Заря всего. Новая история человечества - стр. 42
Такое неравенство неизбежно, заключает Тюрго в своем ответе мадам де Графиньи. По его мнению, единственной альтернативой было бы масштабное государственное вмешательство в духе империи инков для того, чтобы уравнять социальные условия: такое навязанное силой равенство может лишь уничтожить любую инициативу и, следовательно, привести к экономической и социальной катастрофе. В свете всего этого Тюрго предложил мадам де Графиньи переписать свой роман таким образом, чтобы Залия осознала эти ужасные последствия в конце книги.
Неудивительно, что Графиньи проигнорировала его совет.
Несколько лет спустя Тюрго изложил эти идеи в серии лекций по всемирной истории. К тому моменту он уже на протяжении нескольких лет доказывал верховенство технического прогресса как движущей силы общественного прогресса вообще. В своих лекциях он развил этот аргумент в теорию стадий экономического развития: социальная эволюция, рассуждал Тюрго, всегда начинается с охотников, затем следует стадия скотоводства, после нее – земледелие, и только потом мы наконец приходим к современной стадии городской коммерческой цивилизации[98]. Тех, кто по-прежнему находится на стадии охотников, пастухов или земледельцев, вернее всего рассматривать как пережитки предыдущих стадий социального развития.

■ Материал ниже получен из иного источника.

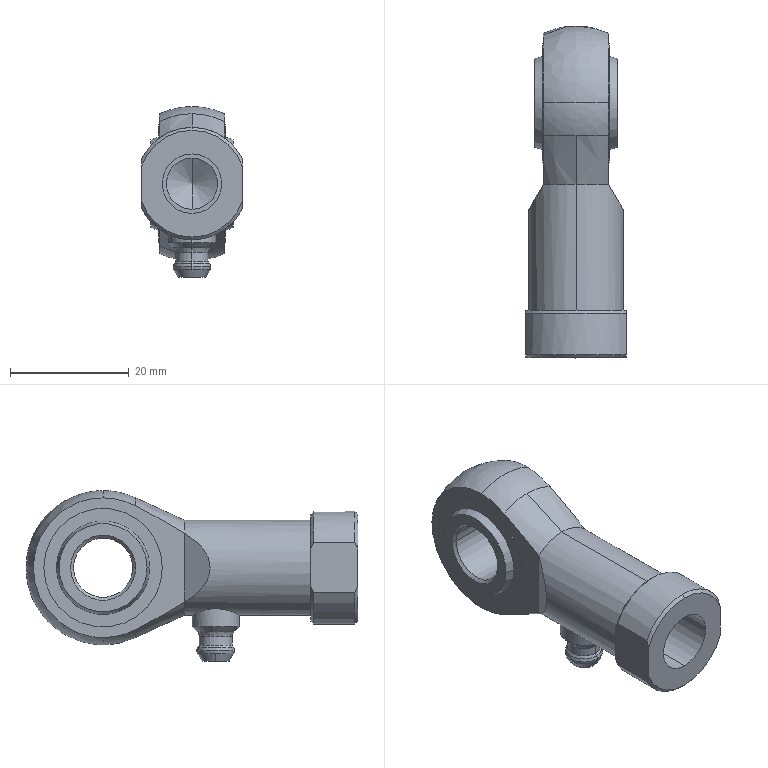Component | SolidWorks | HZ022-F-M10X125U-1 | 1 solid | 73 faces | volume 10220 mm3 | cylinder 23 | cone 21 | plane 16 | spline 13 | commonest cylinder face diameters 20 x4 19 x3 8.647 x2 10.05 x2 16 x2 8 x2 5.5 x2 10 x2 | material AL6061
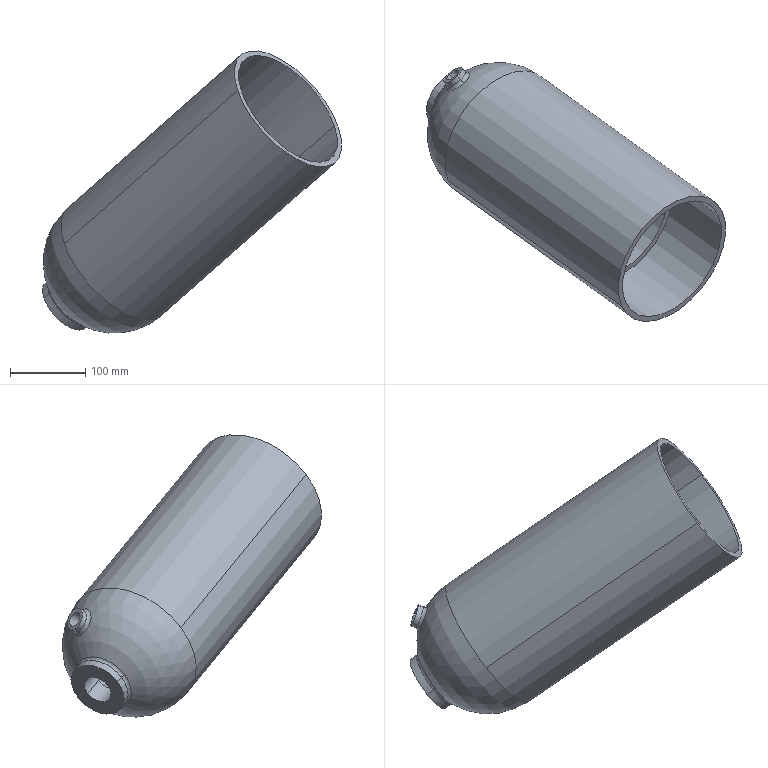Component | SolidWorks | Sleeve-1 | 1 solid | 32 faces | box 398.16 x 345.25 x 375.91 mm | volume 3252942 mm3 | cylinder 18 | torus 6 | plane 6 | sphere 2 | commonest cylinder face diameters 30 x4 81 x2 20 x2 175 x2 40 x2 80 x2 190 x2 160 x2 | material 201.0-T7 Insulated Mold Casting (SS)
STEP:
#1=COLOUR_RGB('',0.7922,0.8196,0.9333);
#2=FILL_AREA_STYLE_COLOUR('',#1);
#3=FILL_AREA_STYLE('',(#2));
#4=SURFACE_STYLE_FILL_AREA(#3);
#5=SURFACE_SIDE_STYLE('',(#4));
#6=SURFACE_STYLE_USAGE(.BOTH.,#5);
#7=PRESENTATION_STYLE_ASSIGNMENT((#6));
#8=CARTESIAN_POINT('',(-9.661,-61.037,0.8353));
#9=VERTEX_POINT('',#8);
#10=CARTESIAN_POINT('',(-11.906,-63.151,1.649));
#11=VERTEX_POINT('',#10);
#12=CARTESIAN_POINT('',(-10.784,-62.094,1.242));
#13=DIRECTION('',(-0.6592,0.4763,-0.5818));
#14=DIRECTION('',(0.704,0.6628,-0.2551));
#15=AXIS2_PLACEMENT_3D('',#12,#13,#14);
#16=CIRCLE('',#15,1.594);
#17=EDGE_CURVE('',#9,#11,#16,.T.);
#18=ORIENTED_EDGE('',*,*,#17,.F.);
#19=CARTESIAN_POINT('',(-9.687,-61.018,0.8122));
#20=VERTEX_POINT('',#19);
#21=CARTESIAN_POINT('',(-9.544,-61.121,0.9382));
#22=DIRECTION('',(-0.6592,0.4763,-0.5818));
#23=VECTOR('',#22,39.37);
#24=LINE('',#21,#23);
#25=EDGE_CURVE('',#9,#20,#24,.T.);
#26=ORIENTED_EDGE('',*,*,#25,.T.);
#27=CARTESIAN_POINT('',(-11.932,-63.132,1.626));
#28=VERTEX_POINT('',#27);
#29=CARTESIAN_POINT('',(-10.81,-62.075,1.219));
#30=DIRECTION('',(0.6592,-0.4763,0.5818));
#31=DIRECTION('',(0.704,0.6628,-0.2551));
#32=AXIS2_PLACEMENT_3D('',#29,#30,#31);
#33=CIRCLE('',#32,1.594);
#34=EDGE_CURVE('',#28,#20,#33,.T.);
#35=ORIENTED_EDGE('',*,*,#34,.F.);
#36=CARTESIAN_POINT('',(-11.79,-63.235,1.752));
#37=DIRECTION('',(-0.6592,0.4763,-0.5818));
#38=VECTOR('',#37,39.37);
#39=LINE('',#36,#38);
#40=EDGE_CURVE('',#11,#28,#39,.T.);
#41=ORIENTED_EDGE('',*,*,#40,.F.);
#42=EDGE_LOOP('',(#18,#26,#35,#41));
#43=FACE_OUTER_BOUND('',#42,.T.);
#44=CARTESIAN_POINT('',(-10.667,-62.178,1.345));
#45=DIRECTION('',(-0.6592,0.4763,-0.5818));
#46=DIRECTION('',(-0.704,-0.6628,0.2551));
#47=AXIS2_PLACEMENT_3D('',#44,#45,#46);
#48=CYLINDRICAL_SURFACE('',#47,1.594);
#49=ADVANCED_FACE('',(#43),#48,.F.);
#50=CARTESIAN_POINT('',(-12.38,-62.912,1.308));
#51=VERTEX_POINT('',#50);
#52=CARTESIAN_POINT('',(-10.01,-60.681,0.4497));
#53=VERTEX_POINT('',#52);
#54=CARTESIAN_POINT('',(-11.195,-61.797,0.879));
#55=DIRECTION('',(0.6592,-0.4763,0.5818));
#56=DIRECTION('',(0.704,0.6628,-0.2551));
#57=AXIS2_PLACEMENT_3D('',#54,#55,#56);
#58=CIRCLE('',#57,1.683);
#59=EDGE_CURVE('',#51,#53,#58,.T.);
#60=ORIENTED_EDGE('',*,*,#59,.F.);
#61=CARTESIAN_POINT('',(-12.419,-62.757,1.178));
#62=VERTEX_POINT('',#61);
#63=CARTESIAN_POINT('',(-12.558,-62.887,1.229));
#64=DIRECTION('',(-0.2641,0.5778,0.7723));
#65=DIRECTION('',(0.,-0.8007,0.599));
#66=AXIS2_PLACEMENT_3D('',#63,#64,#65);
#67=CIRCLE('',#66,0.1969);
#68=EDGE_CURVE('',#51,#62,#67,.T.);
#69=ORIENTED_EDGE('',*,*,#68,.T.);
#70=CARTESIAN_POINT('',(-10.202,-60.669,0.375));
#71=VERTEX_POINT('',#70);
#72=CARTESIAN_POINT('',(-11.311,-61.713,0.7767));
#73=DIRECTION('',(-0.6592,0.4763,-0.5818));
#74=DIRECTION('',(0.704,0.6628,-0.2551));
#75=AXIS2_PLACEMENT_3D('',#72,#73,#74);
#76=CIRCLE('',#75,1.575);
#77=EDGE_CURVE('',#71,#62,#76,.T.);
#78=ORIENTED_EDGE('',*,*,#77,.F.);
#79=CARTESIAN_POINT('',(-10.063,-60.539,0.3248));
#80=DIRECTION('',(0.2641,-0.5778,-0.7723));
#81=DIRECTION('',(0.,0.8007,-0.599));
#82=AXIS2_PLACEMENT_3D('',#79,#80,#81);
#83=CIRCLE('',#82,0.1969);
#84=EDGE_CURVE('',#53,#71,#83,.T.);
#85=ORIENTED_EDGE('',*,*,#84,.F.);
#86=EDGE_LOOP('',(#60,#69,#78,#85));
#87=FACE_OUTER_BOUND('',#86,.T.);
#88=CARTESIAN_POINT('',(-11.311,-61.713,0.7767));
#89=DIRECTION('',(0.6592,-0.4763,0.5818));
#90=DIRECTION('',(0.704,0.6628,-0.2551));
#91=AXIS2_PLACEMENT_3D('',#88,#89,#90);
#92=TOROIDAL_SURFACE('',#91,1.772,0.1969);
#93=ADVANCED_FACE('',(#87),#92,.F.);
#94=CARTESIAN_POINT('',(-10.392,-61.326,4.319));
#95=VERTEX_POINT('',#94);
#96=CARTESIAN_POINT('',(-10.88,-61.219,3.249));
#97=VERTEX_POINT('',#96);
#98=CARTESIAN_POINT('',(-10.636,-61.272,3.784));
#99=DIRECTION('',(0.5773,-0.7433,-0.3379));
#100=DIRECTION('',(-0.4136,0.09066,-0.906));
#101=AXIS2_PLACEMENT_3D('',#98,#99,#100);
#102=CIRCLE('',#101,0.5906);
#103=EDGE_CURVE('',#95,#97,#102,.T.);
#104=ORIENTED_EDGE('',*,*,#103,.F.);
#105=CARTESIAN_POINT('',(-10.398,-61.207,4.609));
#106=VERTEX_POINT('',#105);
#107=CARTESIAN_POINT('',(-10.31,-61.344,4.497));
#108=DIRECTION('',(0.704,0.6628,-0.2551));
#109=DIRECTION('',(-0.6855,0.7281,0.));
#110=AXIS2_PLACEMENT_3D('',#107,#108,#109);
#111=CIRCLE('',#110,0.1969);
#112=EDGE_CURVE('',#95,#106,#111,.T.);
#113=ORIENTED_EDGE('',*,*,#112,.T.);
#114=CARTESIAN_POINT('',(-11.093,-61.055,3.087));
#115=VERTEX_POINT('',#114);
#116=CARTESIAN_POINT('',(-10.745,-61.131,3.848));
#117=DIRECTION('',(-0.5773,0.7433,0.3379));
#118=DIRECTION('',(-0.4136,0.09066,-0.906));
#119=AXIS2_PLACEMENT_3D('',#116,#117,#118);
#120=CIRCLE('',#119,0.8399);
#121=EDGE_CURVE('',#115,#106,#120,.T.);
#122=ORIENTED_EDGE('',*,*,#121,.F.);
#123=CARTESIAN_POINT('',(-10.962,-61.201,3.071));
#124=DIRECTION('',(-0.704,-0.6628,0.2551));
#125=DIRECTION('',(0.6855,-0.7281,0.));
#126=AXIS2_PLACEMENT_3D('',#123,#124,#125);
#127=CIRCLE('',#126,0.1969);
#128=EDGE_CURVE('',#97,#115,#127,.T.);
#129=ORIENTED_EDGE('',*,*,#128,.F.);
#130=EDGE_LOOP('',(#104,#113,#122,#129));
#131=FACE_OUTER_BOUND('',#130,.T.);
#132=CARTESIAN_POINT('',(-10.636,-61.272,3.784));
#133=DIRECTION('',(0.5773,-0.7433,-0.3379));
#134=DIRECTION('',(-0.4136,0.09066,-0.906));
#135=AXIS2_PLACEMENT_3D('',#132,#133,#134);
#136=TOROIDAL_SURFACE('',#135,0.7874,0.1969);
#137=ADVANCED_FACE('',(#131),#136,.F.);
#138=CARTESIAN_POINT('',(-10.799,-60.732,4.738));
#139=VERTEX_POINT('',#138);
#140=CARTESIAN_POINT('',(-11.418,-60.596,3.383));
#141=VERTEX_POINT('',#140);
#142=CARTESIAN_POINT('',(-11.109,-60.664,4.061));
#143=DIRECTION('',(0.5773,-0.7433,-0.3379));
#144=DIRECTION('',(-0.4136,0.09066,-0.906));
#145=AXIS2_PLACEMENT_3D('',#142,#143,#144);
#146=CIRCLE('',#145,0.748);
#147=EDGE_CURVE('',#139,#141,#146,.T.);
#148=ORIENTED_EDGE('',*,*,#147,.F.);
#149=CARTESIAN_POINT('',(-10.976,-60.574,4.661));
#150=VERTEX_POINT('',#149);
#151=CARTESIAN_POINT('',(-10.894,-60.592,4.839));
#152=DIRECTION('',(0.704,0.6628,-0.2551));
#153=DIRECTION('',(-0.6855,0.7281,0.));
#154=AXIS2_PLACEMENT_3D('',#151,#152,#153);
#155=CIRCLE('',#154,0.1969);
#156=EDGE_CURVE('',#139,#150,#155,.T.);
#157=ORIENTED_EDGE('',*,*,#156,.T.);
#158=CARTESIAN_POINT('',(-11.464,-60.467,3.591));
#159=VERTEX_POINT('',#158);
#160=CARTESIAN_POINT('',(-11.22,-60.52,4.126));
#161=DIRECTION('',(-0.5773,0.7433,0.3379));
#162=DIRECTION('',(-0.4136,0.09066,-0.906));
#163=AXIS2_PLACEMENT_3D('',#160,#161,#162);
#164=CIRCLE('',#163,0.5906);
#165=EDGE_CURVE('',#159,#150,#164,.T.);
#166=ORIENTED_EDGE('',*,*,#165,.F.);
#167=CARTESIAN_POINT('',(-11.546,-60.449,3.413));
#168=DIRECTION('',(-0.704,-0.6628,0.2551));
#169=DIRECTION('',(0.6855,-0.7281,0.));
#170=AXIS2_PLACEMENT_3D('',#167,#168,#169);
#171=CIRCLE('',#170,0.1969);
#172=EDGE_CURVE('',#141,#159,#171,.T.);
#173=ORIENTED_EDGE('',*,*,#172,.F.);
#174=EDGE_LOOP('',(#148,#157,#166,#173));
#175=FACE_OUTER_BOUND('',#174,.T.);
#176=CARTESIAN_POINT('',(-11.22,-60.52,4.126));
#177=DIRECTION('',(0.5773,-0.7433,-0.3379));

Именно так в Европе была впервые сформулирована теория социальной эволюции, ставшая сейчас настолько привычной, что мы редко задумываемся о ее происхождении – как прямой ответ на вызов индигенной критики. Несколько лет спустя предложенное Тюрго деление всех обществ на четыре стадии появилось в лекциях его друга и единомышленника Адама Смита, а коллеги Смита (такие как лорд Кеймс, Адам Фергюсон и Джон Миллар) разработали на основании этой концепции общую теорию человеческой истории. Вскоре эта новая парадигма начала оказывать глубокое влияние на то, как европейские мыслители и европейская общественность в целом представляли себе коренных жителей.
Авторы, которые до этого не уделяли серьезного внимания способам жизнеобеспечения и разделению труда в североамериканских обществах, теперь стали считать, что это единственный вопрос, заслуживающий внимания. Все общества начали располагать на одной большой эволюционной лестнице в зависимости от того, какой у них основной способ добывания пищи. «Эгалитарные» общества были отброшены на самую низшую ступень лестницы, откуда они могли в лучшем случае рассказать нам о том, как, быть может, жили наши далекие предки. Но, конечно, их уже нельзя было представить себе в качестве равноправных участников диалога о том, как стоит поступать жителям богатых и могущественных обществ в наши дни.
Остановимся ненадолго, чтобы подвести итоги. Как мы увидели, в период с 1703 по 1751 год критика европейского общества со стороны коренных жителей Америки оказала огромное влияние на европейскую мысль. Если сначала американцы, впервые столкнувшись с европейскими нравами, высказывали возмущение и неприязнь, то со временем, по прошествии многих тысяч дискуссий, которые велись на десятках языков от португальского до русского, всё это превратилось в спор о природе власти, добропорядочности, социальной ответственности и, прежде всего, свободе. Французы узнали, что для большинства коренных американцев личная независимость и свобода действий были высшими ценностями – они организовывали свою жизнь так, чтобы свести к минимуму вероятность того, что кому-либо придется подчиняться воле другого человека, и потому французское общество казалось им, в сущности, обществом вздорных рабов. Это вызвало самые разные реакции среди самих французов.